Limitations & Future Work¶
- Evaluation is limited to head-and-neck cancer; generalizability to other treatment sites (lung, abdomen, etc.) has not been verified.
- RapidPlan is trained with a small dataset using conventional methods, so the comparison with a deep learning model involves differing training paradigms and warrants further discussion of fairness.
- User preferences currently span only two dimensions — HI and OAR weight — with no control over CI or finer-grained DVH objectives.
- GAN-based single-step generation may limit output diversity; diffusion models could potentially offer finer-grained conditional control.
Related Work & Insights¶
- vs. RapidPlan: RapidPlan relies on PCA and small-data conventional ML, predicting only DVH; FDP directly predicts 3D dose with voxel-level spatial awareness.
- vs. DoseDiff: Diffusion-model-based dose prediction achieves high accuracy but slow inference due to iterative sampling; FDP employs single-step GAN generation for real-time interaction.
- vs. OpenKBP series: Prior work focuses solely on prediction accuracy without considering user preference interaction or clinical TPS integration.
Rating¶
- Novelty: ⭐⭐⭐⭐ First interactive preference-driven dose prediction system, though individual technical components (VQ-VAE, AdaIN) are not novel contributions.
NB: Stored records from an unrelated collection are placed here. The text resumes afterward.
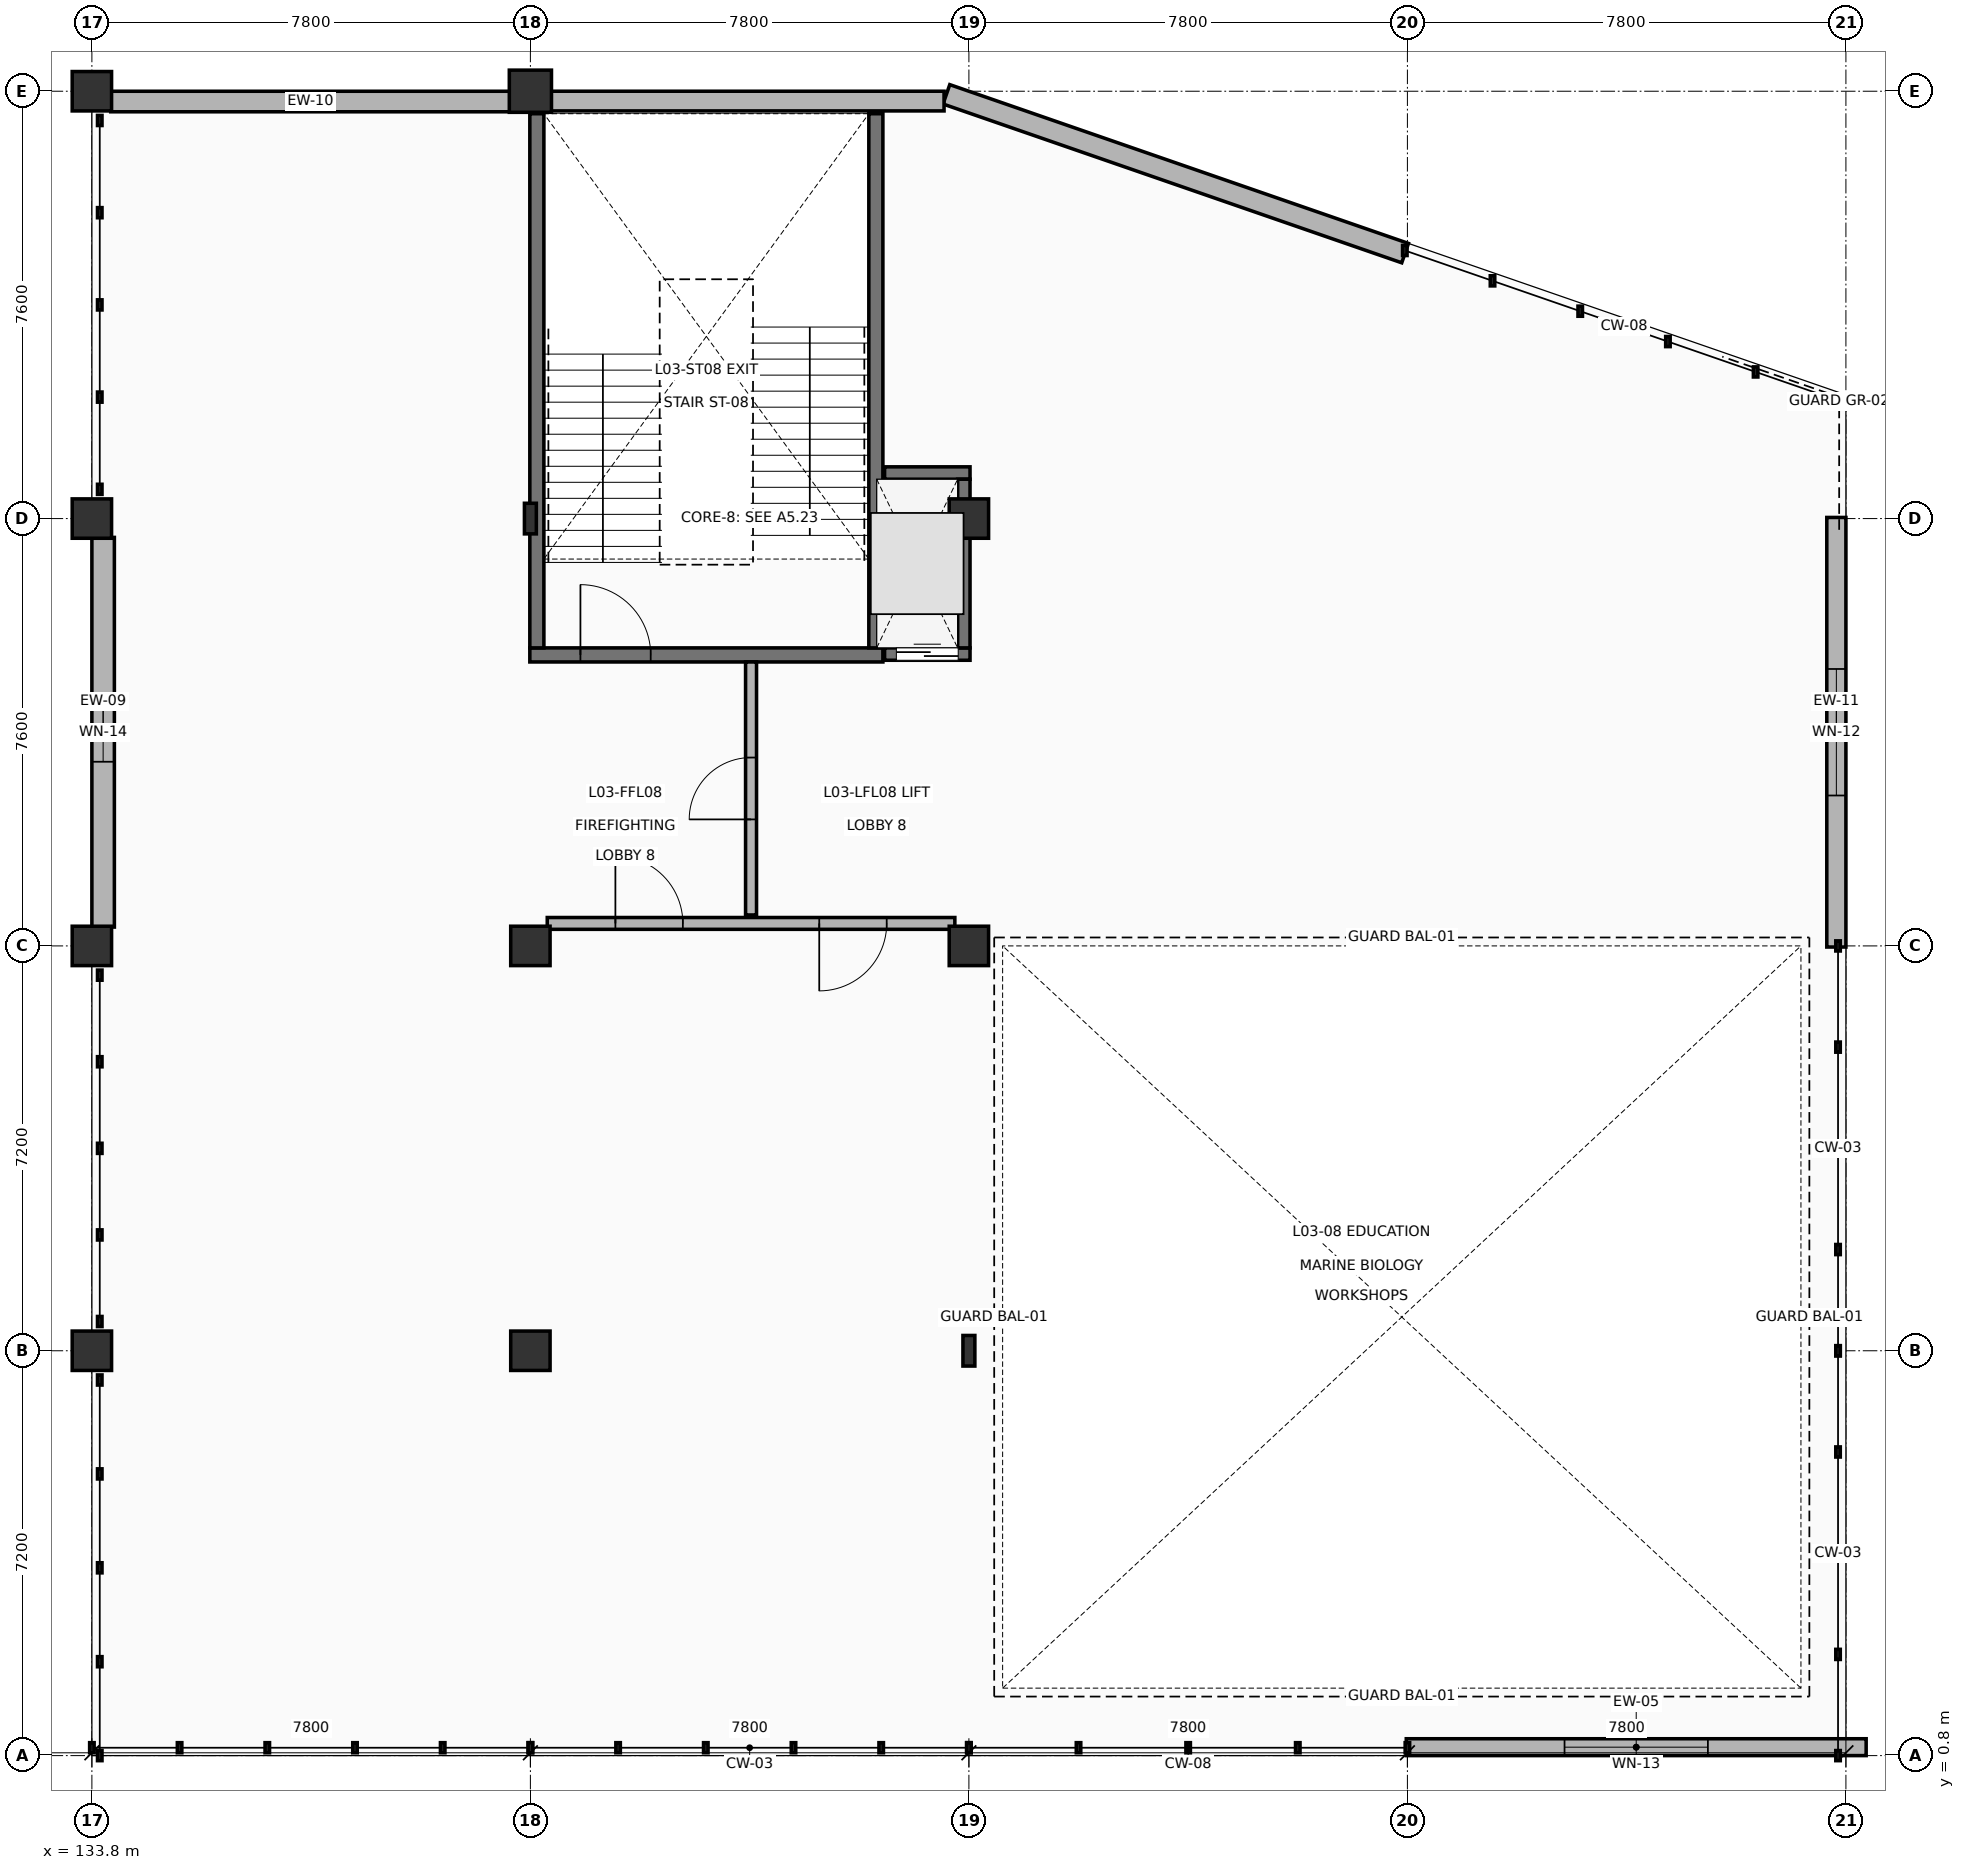
"""IFC4 building model, lengths in metres.
Left out: names, types, materials, properties, quantities, classifications, styles, units other than length and angle.
Written with IfcOpenShell. Run it as: python <this file> out.ifc"""

import sys

from ifc_helpers import new_model, si_unit, direction, frame, frame_2d, origin, origin_2d, place, context, subcontext, project, spatial, rectangle, circle, i_section, extrude, element, fill, save


model = new_model("IFC4")
c1 = context("Model", 3, precision=1e-05, world=origin(), true_north=direction((0.0, 1.0)))
c2 = subcontext(c1, "Body", "Model", "MODEL_VIEW")
j1 = project(units=[si_unit("LENGTHUNIT", "METRE"), si_unit("PLANEANGLEUNIT", "RADIAN")], contexts=[c1])
p1 = place(None, origin())
s1 = spatial("IfcSite", under=j1, at=p1, CompositionType="ELEMENT")
p2 = place(p1, origin())
s2 = spatial("IfcBuilding", under=s1, at=p2, CompositionType="ELEMENT")
p3 = place(p2, frame((0.0, 0.0, 10.5)))
s3 = spatial("IfcBuildingStorey", under=s2, at=p3, CompositionType="ELEMENT", Elevation=10.5)
for number, where, z_axis, x_axis in (
    (1, (133.8, 8.0, 0.0), (0.0, 0.0, 1.0), (1.0, 0.0, 0.0)),
    (2, (133.8, 15.2, 0.0), (0.0, 0.0, 1.0), (1.0, 0.0, 0.0)),
    (3, (133.8, 22.8, 0.0), (0.0, 0.0, 1.0), (1.0, 0.0, 0.0)),
    (4, (133.8, 30.4, 0.0), (0.0, 0.0, 1.0), (1.0, 0.0, 0.0)),
    (5, (141.6, 8.0, 0.0), (0.0, 0.0, 1.0), (1.0, 0.0, 0.0)),
    (6, (141.6, 15.2, 0.0), (0.0, 0.0, 1.0), (1.0, 0.0, 0.0)),
):
    element("IfcColumn", number, at=place(p3, frame(where, z_axis=z_axis, x_axis=x_axis)), inside=s3, PredefinedType="COLUMN", context=c2, shape_type="SweptSolid", body=[
        extrude(rectangle(XDim=0.7, YDim=0.7, at=origin_2d()), origin(), (0.0, 0.0, 1.0), 4.8),
    ])
p4 = place(p3, frame((141.6, 22.8, 0.0), z_axis=(0.0, 0.0, 1.0), x_axis=(1.0, 0.0, 0.0)))
e7 = element("IfcColumn", 7, at=p4, inside=s3, PredefinedType="COLUMN", context=c2, shape_type="SweptSolid", body=[
    extrude(i_section(OverallWidth=0.212, OverallDepth=0.544, WebThickness=0.013, FlangeThickness=0.021, at=origin_2d()), origin(), (0.0, 0.0, 1.0), 4.8),
])
p5 = place(p3, frame((141.6, 30.4, 0.0), z_axis=(0.0, 0.0, 1.0), x_axis=(1.0, 0.0, 0.0)))
e8 = element("IfcColumn", 8, at=p5, inside=s3, PredefinedType="COLUMN", context=c2, shape_type="SweptSolid", body=[
    extrude(circle(Radius=0.375, at=origin_2d()), origin(), (0.0, 0.0, 1.0), 4.8),
])
p6 = place(p3, frame((149.4, 8.0, 0.0), z_axis=(0.0, 0.0, 1.0), x_axis=(1.0, 0.0, 0.0)))
e9 = element("IfcColumn", 9, at=p6, inside=s3, PredefinedType="COLUMN", context=c2, shape_type="SweptSolid", body=[
    extrude(i_section(OverallWidth=0.212, OverallDepth=0.544, WebThickness=0.013, FlangeThickness=0.021, at=origin_2d()), origin(), (0.0, 0.0, 1.0), 4.8),
])
for number, where, z_axis, x_axis in (
    (10, (149.4, 15.2, 0.0), (0.0, 0.0, 1.0), (1.0, 0.0, 0.0)),
    (11, (149.4, 22.8, 0.0), (0.0, 0.0, 1.0), (1.0, 0.0, 0.0)),
):
    element("IfcColumn", number, at=place(p3, frame(where, z_axis=z_axis, x_axis=x_axis)), inside=s3, PredefinedType="COLUMN", context=c2, shape_type="SweptSolid", body=[
        extrude(rectangle(XDim=0.7, YDim=0.7, at=origin_2d()), origin(), (0.0, 0.0, 1.0), 4.8),
    ])
p7 = place(p3, frame((149.0, 30.345, 0.0), z_axis=(0.0, 0.0, 1.0), x_axis=(0.944995822492, -0.327082398598, 0.0)))
e12 = element("IfcWall", 12, at=p7, inside=s3, PredefinedType="SOLIDWALL", context=c2, shape_type="SweptSolid", body=[
    extrude(rectangle(XDim=8.634, YDim=0.365, at=frame_2d((4.317, 0.0))), origin(), (0.0, 0.0, 1.0), 4.56),
])
p8 = place(p3, frame((164.83, 22.82, 0.0), z_axis=(0.0, 0.0, 1.0), x_axis=(0.0, -1.0, 0.0)))
e13 = element("IfcWall", 13, at=p8, inside=s3, PredefinedType="SOLIDWALL", context=c2, shape_type="SweptSolid", body=[
    extrude(rectangle(XDim=7.64, YDim=0.34, at=frame_2d((3.82, 0.0))), origin(), (0.0, 0.0, 1.0), 4.56),
])
p9 = place(p8, frame((2.695, 0.0, 0.95)))
e14 = element("IfcOpeningElement", 14, at=p9, cuts=e13, PredefinedType="OPENING", context=c2, shape_type="SweptSolid", body=[
    extrude(rectangle(XDim=2.25, YDim=2.15, at=frame_2d((1.125, 1.075))), frame((0.0, 0.18, 0.0), z_axis=(0.0, -1.0, 0.0), x_axis=(1.0, 0.0, 0.0)), (0.0, 0.0, 1.0), 0.36),
])
p10 = place(p3, frame((165.36, 0.95, 0.0), z_axis=(0.0, 0.0, 1.0), x_axis=(-1.0, 0.0, 0.0)))
e15 = element("IfcWall", 15, at=p10, inside=s3, PredefinedType="SOLIDWALL", context=c2, shape_type="SweptSolid", body=[
    extrude(rectangle(XDim=8.18, YDim=0.3, at=frame_2d((4.09, 0.0))), origin(), (0.0, 0.0, 1.0), 4.56),
])
p11 = place(p10, frame((2.815, 0.0, 0.95)))
e16 = element("IfcOpeningElement", 16, at=p11, cuts=e15, PredefinedType="OPENING", context=c2, shape_type="SweptSolid", body=[
    extrude(rectangle(XDim=2.55, YDim=2.2, at=frame_2d((1.275, 1.1))), frame((0.0, 0.16, 0.0), z_axis=(0.0, -1.0, 0.0), x_axis=(1.0, 0.0, 0.0)), (0.0, 0.0, 1.0), 0.32),
])
p12 = place(p3, frame((134.0, 15.535, 0.0), z_axis=(0.0, 0.0, 1.0), x_axis=(0.0, 1.0, 0.0)))
e17 = element("IfcWall", 17, at=p12, inside=s3, PredefinedType="SOLIDWALL", context=c2, shape_type="SweptSolid", body=[
    extrude(rectangle(XDim=6.93, YDim=0.4, at=frame_2d((3.465, 0.0))), origin(), (0.0, 0.0, 1.0), 4.32),
])
p13 = place(p12, frame((2.94, 0.0, 0.95)))
e18 = element("IfcOpeningElement", 18, at=p13, cuts=e17, PredefinedType="OPENING", context=c2, shape_type="SweptSolid", body=[
    extrude(rectangle(XDim=1.05, YDim=1.7, at=frame_2d((0.525, 0.85))), frame((0.0, 0.21, 0.0), z_axis=(0.0, -1.0, 0.0), x_axis=(1.0, 0.0, 0.0)), (0.0, 0.0, 1.0), 0.42),
])
p14 = place(p3, frame((134.135, 30.217, 0.0), z_axis=(0.0, 0.0, 1.0), x_axis=(1.0, 0.0, 0.0)))
e19 = element("IfcWall", 19, at=p14, inside=s3, PredefinedType="SOLIDWALL", context=c2, shape_type="SweptSolid", body=[
    extrude(rectangle(XDim=7.105, YDim=0.365, at=frame_2d((3.552, 0.0))), origin(), (0.0, 0.0, 1.0), 3.953),
])
p15 = place(p3, frame((141.96, 30.225, 0.0), z_axis=(0.0, 0.0, 1.0), x_axis=(1.0, 0.0, 0.0)))
e20 = element("IfcWall", 20, at=p15, inside=s3, PredefinedType="SOLIDWALL", context=c2, shape_type="SweptSolid", body=[
    extrude(rectangle(XDim=6.998, YDim=0.35, at=frame_2d((3.499, 0.0))), origin(), (0.0, 0.0, 1.0), 4.575),
])
p16 = place(p3, frame((141.59, 20.375, 0.0), z_axis=(0.0, 0.0, 1.0), x_axis=(1.0, 0.0, 0.0)))
e21 = element("IfcWall", 21, at=p16, inside=s3, PredefinedType="SHEAR", context=c2, shape_type="SweptSolid", body=[
    extrude(rectangle(XDim=6.28, YDim=0.25, at=frame_2d((3.14, 0.0))), origin(), (0.0, 0.0, 1.0), 4.575),
])
p17 = place(p16, frame((0.9, 0.0, 0.0)))
e22 = element("IfcOpeningElement", 22, at=p17, cuts=e21, PredefinedType="OPENING", context=c2, shape_type="SweptSolid", body=[
    extrude(rectangle(XDim=1.25, YDim=2.2, at=frame_2d((0.625, 1.1))), frame((0.0, 0.135, 0.0), z_axis=(0.0, -1.0, 0.0), x_axis=(1.0, 0.0, 0.0)), (0.0, 0.0, 1.0), 0.27),
])
for number, where, z_axis, x_axis in (
    (23, (141.715, 20.5, 0.0), (0.0, 0.0, 1.0), (0.0, 1.0, 0.0)),
    (24, (147.745, 20.5, 0.0), (0.0, 0.0, 1.0), (0.0, 1.0, 0.0)),
):
    element("IfcWall", number, at=place(p3, frame(where, z_axis=z_axis, x_axis=x_axis)), inside=s3, PredefinedType="SHEAR", context=c2, shape_type="SweptSolid", body=[
        extrude(rectangle(XDim=9.5, YDim=0.25, at=frame_2d((4.75, 0.0))), origin(), (0.0, 0.0, 1.0), 4.575),
    ])
p18 = place(p3, frame((147.9, 20.39, 0.0), z_axis=(0.0, 0.0, 1.0), x_axis=(1.0, 0.0, 0.0)))
e25 = element("IfcWall", 25, at=p18, inside=s3, PredefinedType="SHEAR", context=c2, shape_type="SweptSolid", body=[
    extrude(rectangle(XDim=1.52, YDim=0.22, at=frame_2d((0.76, 0.0))), origin(), (0.0, 0.0, 1.0), 4.575),
])
p19 = place(p18, frame((0.21, 0.0, 0.0)))
e26 = element("IfcOpeningElement", 26, at=p19, cuts=e25, PredefinedType="OPENING", context=c2, shape_type="SweptSolid", body=[
    extrude(rectangle(XDim=1.1, YDim=2.15, at=frame_2d((0.55, 1.075))), frame((0.0, 0.12, 0.0), z_axis=(0.0, -1.0, 0.0), x_axis=(1.0, 0.0, 0.0)), (0.0, 0.0, 1.0), 0.24),
])
p20 = place(p3, frame((147.9, 23.61, 0.0), z_axis=(0.0, 0.0, 1.0), x_axis=(1.0, 0.0, 0.0)))
e27 = element("IfcWall", 27, at=p20, inside=s3, PredefinedType="SHEAR", context=c2, shape_type="SweptSolid", body=[
    extrude(rectangle(XDim=1.52, YDim=0.22, at=frame_2d((0.76, 0.0))), origin(), (0.0, 0.0, 1.0), 4.575),
])
p21 = place(p3, frame((149.31, 20.5, 0.0), z_axis=(0.0, 0.0, 1.0), x_axis=(0.0, 1.0, 0.0)))
e28 = element("IfcWall", 28, at=p21, inside=s3, PredefinedType="SHEAR", context=c2, shape_type="SweptSolid", body=[
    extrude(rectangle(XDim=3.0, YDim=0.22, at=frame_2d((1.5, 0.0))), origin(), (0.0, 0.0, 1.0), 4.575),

- Experimental Thoroughness: ⭐⭐⭐ Limited dataset scale, single treatment site, and insufficient comparison with other deep learning methods.
- Writing Quality: ⭐⭐⭐⭐ Well-structured, clinical motivation clearly articulated, and demo presentation is intuitive.
- Value: ⭐⭐⭐⭐ Strong clinical applicability; addresses genuine pain points in planner workflows.